Moverse en la ciudad debería ser algo sencillo, casi automático, parte de la rutina. Pero no siempre se siente así.
Cada 15 de abril se conmemora el Día Internacional del Ciclista. Más que una fecha, es un buen momento para mirar cómo vivimos nuestros trayectos y qué tan pensada está la ciudad.
Porque la movilidad no empieza en el volante. Empieza en la forma en que ocupamos el espacio público y convivimos.
No todas las personas viven la ciudad de la misma manera. Mucho depende de las condiciones y de qué tanto los espacios responden realmente a quienes los transitan.
Hay banquetas que obligan a bajar a la calle, cruces que no protegen y espacios que no consideran a las personas. Y entonces, algo tan simple como moverse empieza a complicarse.
Lo mismo ocurre con la bicicleta. Quien decide usarla no solo busca moverse; muchas veces busca una alternativa más económica, más práctica o incluso más saludable. Sin embargo, en muchos casos, termina enfrentando una ciudad que no está pensada para ello.
No es solo falta de infraestructura. Es falta de cultura, de orden y de conciencia.
Porque la movilidad no es un tema aislado. No se trata solo de tránsito, de calles o de transporte; en realidad, tiene que ver con la forma en que convivimos y compartimos el espacio. Y es justo ahí donde empieza a notarse si una ciudad cuida o no a su gente.
Durante mucho tiempo, las ciudades se pensaron con una idea muy clara: facilitar el movimiento de los vehículos.

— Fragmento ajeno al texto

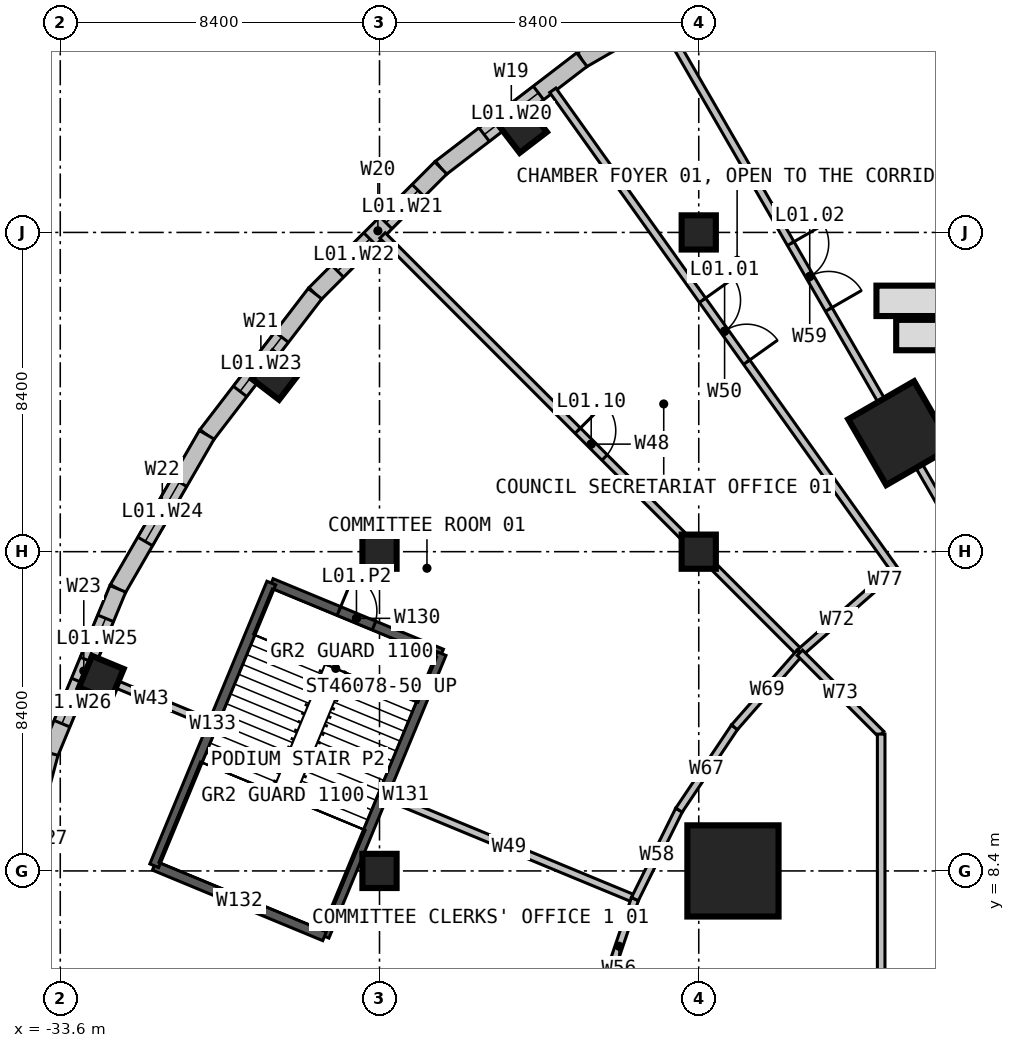
"""IFC4 building model, lengths in metres.
Left out: names, types, materials, properties, quantities, classifications, styles, units other than length and angle.
Written with IfcOpenShell. Run it as: python <this file> out.ifc"""

import sys

from ifc_helpers import new_model, si_unit, direction, frame, frame_2d, origin, origin_2d, place, context, subcontext, project, spatial, rectangle, hollow_rectangle, extrude, element, fill, save


model = new_model("IFC4")
c1 = context("Model", 3, precision=1e-05, world=origin(), true_north=direction((0.0, 1.0)))
c2 = subcontext(c1, "Body", "Model", "MODEL_VIEW")
j1 = project(units=[si_unit("LENGTHUNIT", "METRE"), si_unit("PLANEANGLEUNIT", "RADIAN")], contexts=[c1])
p1 = place(None, origin())
s1 = spatial("IfcSite", under=j1, at=p1, CompositionType="ELEMENT")
p2 = place(p1, origin())
s2 = spatial("IfcBuilding", under=s1, at=p2, CompositionType="ELEMENT")
p3 = place(p2, frame((0.0, 0.0, 6.0)))
s3 = spatial("IfcBuildingStorey", under=s2, at=p3, CompositionType="ELEMENT", Elevation=6.0)
for number, where, z_axis, x_axis in (
    (1, (-25.2, 8.4, 0.0), (0.0, 0.0, 1.0), (1.0, 0.0, 0.0)),
    (2, (-25.2, 16.8, 0.0), (0.0, 0.0, 1.0), (1.0, 0.0, 0.0)),
):
    element("IfcColumn", number, at=place(p3, frame(where, z_axis=z_axis, x_axis=x_axis)), inside=s3, PredefinedType="COLUMN", context=c2, shape_type="SweptSolid", body=[
        extrude(rectangle(XDim=0.9, YDim=0.9, at=origin_2d()), origin(), (0.0, 0.0, 1.0), 5.0),
    ])
p4 = place(p3, frame((-15.9, 8.4, 0.0), z_axis=(0.0, 0.0, 1.0), x_axis=(1.0, 0.0, 0.0)))
e3 = element("IfcColumn", 3, at=p4, inside=s3, PredefinedType="COLUMN", context=c2, shape_type="SweptSolid", body=[
    extrude(rectangle(XDim=2.4, YDim=2.4, at=origin_2d()), origin(), (0.0, 0.0, 1.0), 5.0),
])
for number, where, z_axis, x_axis in (
    (4, (-16.8, 16.8, 0.0), (0.0, 0.0, 1.0), (1.0, 0.0, 0.0)),
    (5, (-16.8, 25.2, 0.0), (0.0, 0.0, 1.0), (1.0, 0.0, 0.0)),
    (6, (-21.428, 27.926, 0.0), (0.0, 0.0, 1.0), (-0.609, 0.793, 0.0)),
    (7, (-27.926, 21.428, 0.0), (0.0, 0.0, 1.0), (-0.793, 0.609, 0.0)),
    (8, (-32.521, 13.47, 0.0), (0.0, 0.0, 1.0), (-0.924, 0.383, 0.0)),
):
    element("IfcColumn", number, at=place(p3, frame(where, z_axis=z_axis, x_axis=x_axis)), inside=s3, PredefinedType="COLUMN", context=c2, shape_type="SweptSolid", body=[
        extrude(rectangle(XDim=0.9, YDim=0.9, at=origin_2d()), origin(), (0.0, 0.0, 1.0), 5.0),
    ])
p5 = place(p3, frame((-11.5, 19.919, 0.0), z_axis=(0.0, 0.0, 1.0), x_axis=(-0.5, 0.866025403784, 0.0)))
e9 = element("IfcColumn", 9, at=p5, inside=s3, PredefinedType="COLUMN", context=c2, shape_type="SweptSolid", body=[
    extrude(hollow_rectangle(XDim=2.0, YDim=2.0, WallThickness=0.24, at=origin_2d()), origin(), (0.0, 0.0, 1.0), 5.0),
])
p6 = place(p3, frame((-15.823, 32.086, 0.0), z_axis=(0.0, 0.0, 1.0), x_axis=(-0.866012687223, -0.500022025083, 0.0)))
e10 = element("IfcWall", 10, at=p6, inside=s3, PredefinedType="SOLIDWALL", context=c2, shape_type="SweptSolid", body=[
    extrude(rectangle(XDim=4.679, YDim=0.45, at=frame_2d((2.34, 0.0))), origin(), (0.0, 0.0, 1.0), 4.7),
])
p7 = place(p6, frame((0.84, 0.0, 0.9)))
e11 = element("IfcOpeningElement", 11, at=p7, cuts=e10, PredefinedType="OPENING", context=c2, shape_type="SweptSolid", body=[
    extrude(rectangle(XDim=1.2, YDim=2.4, at=frame_2d((0.6, 1.2))), frame((0.0, 0.235, 0.0), z_axis=(0.0, -1.0, 0.0), x_axis=(1.0, 0.0, 0.0)), (0.0, 0.0, 1.0), 0.47),
])
p8 = place(p6, frame((2.64, 0.0, 0.9)))
e12 = element("IfcOpeningElement", 12, at=p8, cuts=e10, PredefinedType="OPENING", context=c2, shape_type="SweptSolid", body=[
    extrude(rectangle(XDim=1.2, YDim=2.4, at=frame_2d((0.6, 1.2))), frame((0.0, 0.235, 0.0), z_axis=(0.0, -1.0, 0.0), x_axis=(1.0, 0.0, 0.0)), (0.0, 0.0, 1.0), 0.47),
])
p9 = place(p3, frame((-19.875, 29.746, 0.0), z_axis=(0.0, 0.0, 1.0), x_axis=(-0.79334682721, -0.608769916927, 0.0)))
e13 = element("IfcWall", 13, at=p9, inside=s3, PredefinedType="SOLIDWALL", context=c2, shape_type="SweptSolid", body=[
    extrude(rectangle(XDim=4.68, YDim=0.45, at=frame_2d((2.34, 0.0))), origin(), (0.0, 0.0, 1.0), 4.7),
])
p10 = place(p9, frame((1.44, 0.0, 0.9)))
e14 = element("IfcOpeningElement", 14, at=p10, cuts=e13, PredefinedType="OPENING", context=c2, shape_type="SweptSolid", body=[
    extrude(rectangle(XDim=1.8, YDim=2.4, at=frame_2d((0.9, 1.2))), frame((0.0, 0.235, 0.0), z_axis=(0.0, -1.0, 0.0), x_axis=(1.0, 0.0, 0.0)), (0.0, 0.0, 1.0), 0.47),
])
p11 = place(p3, frame((-23.588, 26.897, 0.0), z_axis=(0.0, 0.0, 1.0), x_axis=(-0.707106781187, -0.707106781187, 0.0)))
e15 = element("IfcWall", 15, at=p11, inside=s3, PredefinedType="SOLIDWALL", context=c2, shape_type="SweptSolid", body=[
    extrude(rectangle(XDim=4.679, YDim=0.45, at=frame_2d((2.34, 0.0))), origin(), (0.0, 0.0, 1.0), 4.7),
])
p12 = place(p11, frame((0.84, 0.0, 0.9)))
e16 = element("IfcOpeningElement", 16, at=p12, cuts=e15, PredefinedType="OPENING", context=c2, shape_type="SweptSolid", body=[
    extrude(rectangle(XDim=1.2, YDim=2.4, at=frame_2d((0.6, 1.2))), frame((0.0, 0.235, 0.0), z_axis=(0.0, -1.0, 0.0), x_axis=(1.0, 0.0, 0.0)), (0.0, 0.0, 1.0), 0.47),
])
p13 = place(p11, frame((2.64, 0.0, 0.9)))
e17 = element("IfcOpeningElement", 17, at=p13, cuts=e15, PredefinedType="OPENING", context=c2, shape_type="SweptSolid", body=[
    extrude(rectangle(XDim=1.2, YDim=2.4, at=frame_2d((0.6, 1.2))), frame((0.0, 0.235, 0.0), z_axis=(0.0, -1.0, 0.0), x_axis=(1.0, 0.0, 0.0)), (0.0, 0.0, 1.0), 0.47),
])
p14 = place(p3, frame((-26.897, 23.588, 0.0), z_axis=(0.0, 0.0, 1.0), x_axis=(-0.608769916927, -0.79334682721, 0.0)))
e18 = element("IfcWall", 18, at=p14, inside=s3, PredefinedType="SOLIDWALL", context=c2, shape_type="SweptSolid", body=[
    extrude(rectangle(XDim=4.68, YDim=0.45, at=frame_2d((2.34, 0.0))), origin(), (0.0, 0.0, 1.0), 4.7),
])
p15 = place(p14, frame((1.44, 0.0, 0.9)))
e19 = element("IfcOpeningElement", 19, at=p15, cuts=e18, PredefinedType="OPENING", context=c2, shape_type="SweptSolid", body=[
    extrude(rectangle(XDim=1.8, YDim=2.4, at=frame_2d((0.9, 1.2))), frame((0.0, 0.235, 0.0), z_axis=(0.0, -1.0, 0.0), x_axis=(1.0, 0.0, 0.0)), (0.0, 0.0, 1.0), 0.47),
])
p16 = place(p3, frame((-29.746, 19.875, 0.0), z_axis=(0.0, 0.0, 1.0), x_axis=(-0.500022025083, -0.866012687223, 0.0)))
e20 = element("IfcWall", 20, at=p16, inside=s3, PredefinedType="SOLIDWALL", context=c2, shape_type="SweptSolid", body=[
    extrude(rectangle(XDim=4.679, YDim=0.45, at=frame_2d((2.34, 0.0))), origin(), (0.0, 0.0, 1.0), 4.7),
])
p17 = place(p16, frame((1.44, 0.0, 0.9)))
e21 = element("IfcOpeningElement", 21, at=p17, cuts=e20, PredefinedType="OPENING", context=c2, shape_type="SweptSolid", body=[
    extrude(rectangle(XDim=1.8, YDim=2.4, at=frame_2d((0.9, 1.2))), frame((0.0, 0.235, 0.0), z_axis=(0.0, -1.0, 0.0), x_axis=(1.0, 0.0, 0.0)), (0.0, 0.0, 1.0), 0.47),
])
p18 = place(p3, frame((-32.086, 15.823, 0.0), z_axis=(0.0, 0.0, 1.0), x_axis=(-0.382669718086, -0.923885213032, 0.0)))
e22 = element("IfcWall", 22, at=p18, inside=s3, PredefinedType="SOLIDWALL", context=c2, shape_type="SweptSolid", body=[
    extrude(rectangle(XDim=4.68, YDim=0.45, at=frame_2d((2.34, 0.0))), origin(), (0.0, 0.0, 1.0), 4.7),
])
p19 = place(p18, frame((0.84, 0.0, 0.9)))
e23 = element("IfcOpeningElement", 23, at=p19, cuts=e22, PredefinedType="OPENING", context=c2, shape_type="SweptSolid", body=[
    extrude(rectangle(XDim=1.2, YDim=2.4, at=frame_2d((0.6, 1.2))), frame((0.0, 0.235, 0.0), z_axis=(0.0, -1.0, 0.0), x_axis=(1.0, 0.0, 0.0)), (0.0, 0.0, 1.0), 0.47),
])
p20 = place(p18, frame((2.64, 0.0, 0.9)))
e24 = element("IfcOpeningElement", 24, at=p20, cuts=e22, PredefinedType="OPENING", context=c2, shape_type="SweptSolid", body=[
    extrude(rectangle(XDim=1.2, YDim=2.4, at=frame_2d((0.6, 1.2))), frame((0.0, 0.235, 0.0), z_axis=(0.0, -1.0, 0.0), x_axis=(1.0, 0.0, 0.0)), (0.0, 0.0, 1.0), 0.47),
])
p21 = place(p3, frame((-33.876, 11.5, 0.0), z_axis=(0.0, 0.0, 1.0), x_axis=(-0.258815185258, -0.965926860523, 0.0)))
e25 = element("IfcWall", 25, at=p21, inside=s3, PredefinedType="SOLIDWALL", context=c2, shape_type="SweptSolid", body=[
    extrude(rectangle(XDim=4.68, YDim=0.45, at=frame_2d((2.34, 0.0))), origin(), (0.0, 0.0, 1.0), 4.7),
])
p22 = place(p21, frame((1.44, 0.0, 0.9)))
e26 = element("IfcOpeningElement", 26, at=p22, cuts=e25, PredefinedType="OPENING", context=c2, shape_type="SweptSolid", body=[
    extrude(rectangle(XDim=1.8, YDim=2.4, at=frame_2d((0.9, 1.2))), frame((0.0, 0.235, 0.0), z_axis=(0.0, -1.0, 0.0), x_axis=(1.0, 0.0, 0.0)), (0.0, 0.0, 1.0), 0.47),
])
p23 = place(p3, frame((-28.047, 15.974, 0.0), z_axis=(0.0, 0.0, 1.0), x_axis=(0.923862828997, -0.382723755727, 0.0)))
e27 = element("IfcWall", 27, at=p23, inside=s3, PredefinedType="SOLIDWALL", context=c2, shape_type="SweptSolid", body=[
    extrude(rectangle(XDim=4.85, YDim=0.25, at=frame_2d((2.425, 0.0))), origin(), (0.0, 0.0, 1.0), 5.0),
])
p24 = place(p23, frame((1.925, 0.0, 0.0)))
e28 = element("IfcOpeningElement", 28, at=p24, cuts=e27, PredefinedType="OPENING", context=c2, shape_type="SweptSolid", body=[
    extrude(rectangle(XDim=1.0, YDim=2.2, at=frame_2d((0.5, 1.1))), frame((0.0, 0.135, 0.0), z_axis=(0.0, -1.0, 0.0), x_axis=(1.0, 0.0, 0.0)), (0.0, 0.0, 1.0), 0.27),
])
p25 = place(p3, frame((-23.566, 14.118, 0.0), z_axis=(0.0, 0.0, 1.0), x_axis=(-0.382689294869, -0.923877104161, 0.0)))
e29 = element("IfcWall", 29, at=p25, inside=s3, PredefinedType="SOLIDWALL", context=c2, shape_type="SweptSolid", body=[
    extrude(rectangle(XDim=8.05, YDim=0.25, at=frame_2d((4.025, 0.0))), origin(), (0.0, 0.0, 1.0), 5.0),
])
p26 = place(p3, frame((-26.647, 6.681, 0.0), z_axis=(0.0, 0.0, 1.0), x_axis=(-0.923880627248, 0.382680789426, 0.0)))
e30 = element("IfcWall", 30, at=p26, inside=s3, PredefinedType="SOLIDWALL", context=c2, shape_type="SweptSolid", body=[
    extrude(rectangle(XDim=4.85, YDim=0.25, at=frame_2d((2.425, 0.0))), origin(), (0.0, 0.0, 1.0), 5.0),
])
p27 = place(p3, frame((-31.127, 8.537, 0.0), z_axis=(0.0, 0.0, 1.0), x_axis=(0.382678572144, 0.923881545666, 0.0)))
e31 = element("IfcWall", 31, at=p27, inside=s3, PredefinedType="SOLIDWALL", context=c2, shape_type="SweptSolid", body=[
    extrude(rectangle(XDim=8.05, YDim=0.25, at=frame_2d((4.025, 0.0))), origin(), (0.0, 0.0, 1.0), 5.0),
])
p28 = place(p3, frame((-32.82, 13.6, 0.0), z_axis=(0.0, 0.0, 1.0), x_axis=(0.924077050269, -0.382206233813, 0.0)))
e32 = element("IfcWall", 32, at=p28, inside=s3, PredefinedType="PARTITIONING", context=c2, shape_type="SweptSolid", body=[
    extrude(rectangle(XDim=3.506, YDim=0.2, at=frame_2d((1.753, 0.0))), origin(), (0.0, 0.0, 1.0), 4.7),
])
p29 = place(p3, frame((-25.12, 25.12, 0.0), z_axis=(0.0, 0.0, 1.0), x_axis=(0.707106781187, -0.707106781187, 0.0)))
e33 = element("IfcWall", 33, at=p29, inside=s3, PredefinedType="PARTITIONING", context=c2, shape_type="SweptSolid", body=[
    extrude(rectangle(XDim=15.528, YDim=0.2, at=frame_2d((7.764, 0.0))), origin(), (0.0, 0.0, 1.0), 4.7),
])
p30 = place(p29, frame((7.264, 0.0, 0.0)))
e34 = element("IfcOpeningElement", 34, at=p30, cuts=e33, PredefinedType="OPENING", context=c2, shape_type="SweptSolid", body=[
    extrude(rectangle(XDim=1.0, YDim=2.2, at=frame_2d((0.5, 1.1))), frame((0.0, 0.11, 0.0), z_axis=(0.0, -1.0, 0.0), x_axis=(1.0, 0.0, 0.0)), (0.0, 0.0, 1.0), 0.22),
])
p31 = place(p3, frame((-25.1, 10.4, 0.0), z_axis=(0.0, 0.0, 1.0), x_axis=(0.923985694571, -0.382427033861, 0.0)))
e35 = element("IfcWall", 35, at=p31, inside=s3, PredefinedType="PARTITIONING", context=c2, shape_type="SweptSolid", body=[
    extrude(rectangle(XDim=7.165, YDim=0.2, at=frame_2d((3.583, 0.0))), origin(), (0.0, 0.0, 1.0), 4.7),
])
p32 = place(p3, frame((-20.64, 28.94, 0.0), z_axis=(0.0, 0.0, 1.0), x_axis=(0.580502370217, -0.814258557322, 0.0)))
e36 = element("IfcWall", 36, at=p32, inside=s3, PredefinedType="PARTITIONING", context=c2, shape_type="SweptSolid", body=[
    extrude(rectangle(XDim=15.572, YDim=0.2, at=frame_2d((7.786, 0.0))), origin(), (0.0, 0.0, 1.0), 4.7),
])
p33 = place(p32, frame((6.786, 0.0, 0.0)))
e37 = element("IfcOpeningElement", 37, at=p33, cuts=e36, PredefinedType="OPENING", context=c2, shape_type="SweptSolid", body=[
    extrude(rectangle(XDim=2.0, YDim=2.4, at=frame_2d((1.0, 1.2))), frame((0.0, 0.11, 0.0), z_axis=(0.0, -1.0, 0.0), x_axis=(1.0, 0.0, 0.0)), (0.0, 0.0, 1.0), 0.22),
])
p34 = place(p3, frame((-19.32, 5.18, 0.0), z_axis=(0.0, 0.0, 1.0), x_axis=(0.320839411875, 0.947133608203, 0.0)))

En su momento parecía suficiente, pero con el tiempo ha quedado corto.
Hoy es claro que una ciudad no alcanza a funcionar si todo gira alrededor del automóvil. También tiene que pensarse desde cómo la vive la gente: al caminarla, al recorrerla en bicicleta o al moverse en condiciones que no siempre son fáciles.
Cuando trasladarse se vuelve complicado o inseguro, la ciudad empieza a sentirse distante. Y con esa distancia se va perdiendo algo importante: la relación con el entorno, con el espacio público y con la vida en comunidad.
En Delicias, hoy se está trabajando en el Plan de Movilidad del primer cuadro de la ciudad. No como un trámite técnico, sino como una oportunidad para replantear cómo queremos movernos y, sobre todo, cómo queremos convivir.
Implica ordenar, sí. Pero también observar con más atención. Entender cómo se usan realmente las calles. Reconocer que no todos vivimos la ciudad de la misma forma.
Y asumir que el espacio público no es de unos cuantos, es de todos.
Hablar de movilidad también es hablar de respeto. De reconocer que quienes manejan, caminan o se mueven en bicicleta comparten las mismas calles y el mismo derecho a estar ahí.
No se trata de competir, sino de convivir con responsabilidad.
A veces pensamos que estos cambios solo se logran con grandes inversiones o transformaciones complejas. Y sí, hay decisiones de fondo que son necesarias. Pero también hay mucho que empieza en lo más simple: en la forma en que cruzamos la calle, en cómo cedemos el paso, en el respeto por los espacios y en la conciencia de que siempre hay alguien más del otro lado.
Porque una ciudad no se construye solo con obras. Se construye todos los días, en lo que hacemos y también en lo que dejamos pasar.
Más allá de la fecha, vale la pena quedarnos con una idea clara: una ciudad que no se puede recorrer con seguridad, difícilmente se puede vivir con tranquilidad.
Lo que pasa todos los días no es menor. Es ahí donde realmente se define la calidad de una ciudad.